Mind the gap! Women fall foul to business reporting complacency
UK businesses are at risk of losing employee trust through choosing to abstain from reporting their gender gap figures, following on from the EHRC’s second deadline extension. Government figures show that nearly half of 10,000 eligible employers chose not to submit their pay gap figures last year - equalling to nearly 5,000 businesses that possibly have something to hide.
Rebecca Hourston, Women’s Leadership Expert at Talking Talent is calling for leaders to go against the grain and look beyond what is legally required and do what is ethically right.
Rebecca Hourston commented: “This complacency sends out the message that businesses are disregarding the importance of achieving gender equality. Instead of hiding behind government policy, employers should face the issue head-on. It’s time for organisations to be honest with themselves and with their employees - only then will real change take place.”
As part of International Women’s Day 2021, businesses are being challenged to reposition their priorities around workplace diversity and face up to those difficult but honest conversations - and delivering the bare minimum will not be accepted. Each success from here is a further challenge to do better. As an example, the number of women on boards in the UK has risen from 682 to 1,026 in five years - but just having more women on boards is not an excuse to down tools and consider progress complete. Being inclusive means widening the focus to all members of the workforce.
Women have been disproportionately affected by the pandemic. Data from Women’s Budget Group has revealed that around 133,000 more women were furloughed than men during the first wave of the pandemic, and in fact, women were the majority (52.1%) of workers put on furlough across the UK in March to August 2020. And shockingly, women were spending 44% more time on housework compared to men in March and April.
Whilst several reasons have been given to explain this disproportion, the focus for leaders should be to acknowledge the potential disparity and choose to do something about it. Out of 3,000 managers surveyed by the Chartered Management Institute, 63% said they expected to see redundancies in 2021, but 80% of those admitted that their company had not taken steps to ensure losses did not fall disproportionately. It is this pattern of inaction that Talking Talent is choosing to challenge.
The concerns within the female workforce continue beyond this initial period. Deloitte’s latest report revealed that 82% of women said their lives have been negatively disrupted by the pandemic - and nearly 70% of these women are concerned that their career growth may be limited as a result.

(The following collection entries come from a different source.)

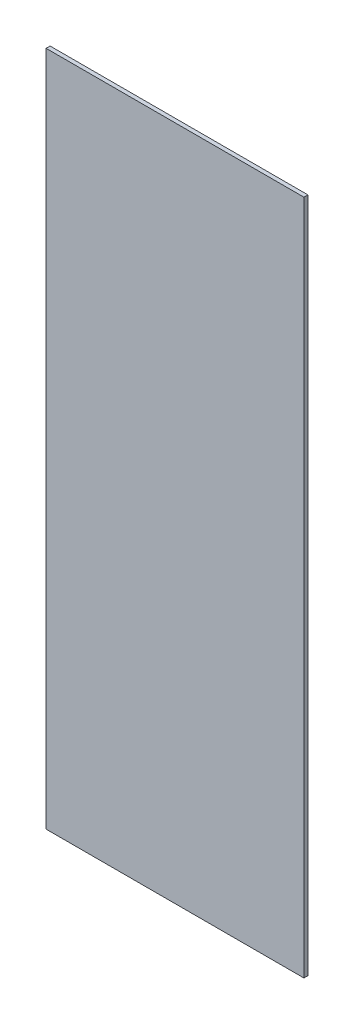
SolidWorks part; units mm, degrees
material "PMMA(有机玻璃)"
ref_plane "前视" through (0, 0, 0) normal (0, 0, 1) x (1, 0, 0)
ref_plane "上视" through (0, 0, 0) normal (0, 1, 0) x (1, 0, 0)
ref_plane "右视" through (0, 0, 0) normal (1, 0, 0) x (0, 0, -1)
sketch "草图1" plane through (0, 0, 0) normal (0, 0, 1) x (1, 0, 0)
  line L1 (-160.5, 421) -> (160.5, 421)
  line L2 (-160.5, 421) -> (-160.5, -421)
  line L3 (-160.5, -421) -> (160.5, -421)
  line L4 (160.5, 421) -> (160.5, -421)
  line L5 (-160.5, 421) -> (160.5, -421) construction
  line L6 (-160.5, -421) -> (160.5, 421) construction
  point P0 (0, 0)
  dimension "D1" = 842
  dimension "D2" = 321
extrude "凸台-拉伸1" add sketch "草图1" along normal blind 5
hole_wizard "M5 间隙孔1" positions "草图3" profile "草图2" hole size "M5" standard "GB"
sketch "草图3" plane through (0, 0, 5) normal (0, 0, 1) x (1, 0, 0)
  line L0 (-427.5, 273) -> (-427.5, -273) construction
  line L1 (-427.5, -273) -> (427.5, -273) construction
  line L2 (0, 273) -> (0, -273) construction
  line L3 (427.5, 273) -> (-427.5, 273) construction
  line L5 (-427.5, 0) -> (427.5, 0) construction
  line L6 (427.5, -273) -> (427.5, 273) construction
  point P0 (-375, -261)
  point P46 (415.5, 250)
  point P48 (-415.5, 250)
  point P58 (-125, -261)
  point P59 (125, -261)
  point P61 (-125, 261)
  point P62 (125, 261)
  point P64 (-375, 261)
  point P88 (375, -261)
  point P89 (375, 261)
  point P108 (415.5, 0)
  point P109 (-415.5, 0)
  point P110 (415.5, -250)
  point P111 (-415.5, -250)
  dimension "D1" = 12
  dimension "D2" = 12
  dimension "D5" = 3
  dimension "D3" = 12
  dimension "D6" = 4
  dimension "D4" = 2
sketch "草图2" plane through (-375, -261, 5) normal (1, 0, 0) x (0, -1, 0)
  line L0 (0, 0) -> (0, 5)
  line L1 (0, 5) -> (2.75, 5)
  line L2 (2.75, 5) -> (2.75, 0)
  line L5 (2.75, 0) -> (0, 0)
  line L11 (0, -6.35) -> (0, 107.95) construction
  dimension "通孔孔直径" = 5.5
  dimension "通孔孔深度" = 5

The fragile trust among the workforce is at risk of being shattered by businesses’ failure to take a stand and choosing the easy options, not necessarily the right ones. The decision not to submit pay gap figures can lead to further questioning. Secrecy is infectious, if companies are prepared to hide this vital information, then people might question what else could fly under the radar.
Hourston continued: “Above all, it’s imperative that organisations be completely honest about the progress being made. Without these candid and transparent discussions, businesses will fail to trigger real change and fully support their employees. Ultimately, it will be those honest and nurturing organisations that will be built for long-term, sustained success, particularly in times of turbulence and uncertainty.”
Businesses must look to those already reaping the benefits of a central gender-diversity and inclusion ethos. The achievements of Whitney Wolfe-Herd and Bumble, for example, are a business landmark in terms of workplace inclusion and diversity. Companies should take note of Wolfe-Herd’s achievements and attitude to inclusion and diversity, it has been incredibly powerful for her success.
“The delays in pay gap reporting reinforces the attitude that this issue is ‘less important’ than other challenges in our current society. It is true that this reporting isn’t going to be at the top of everyone’s priority lists - especially in light of the past year’s challenges - but if it’s not taken seriously, the repercussions could be immeasurable for organisations. In the same way that individuals should prioritise their health - even when other responsibilities press for attention, businesses should prioritise staff equality in the same way,” Hourston added.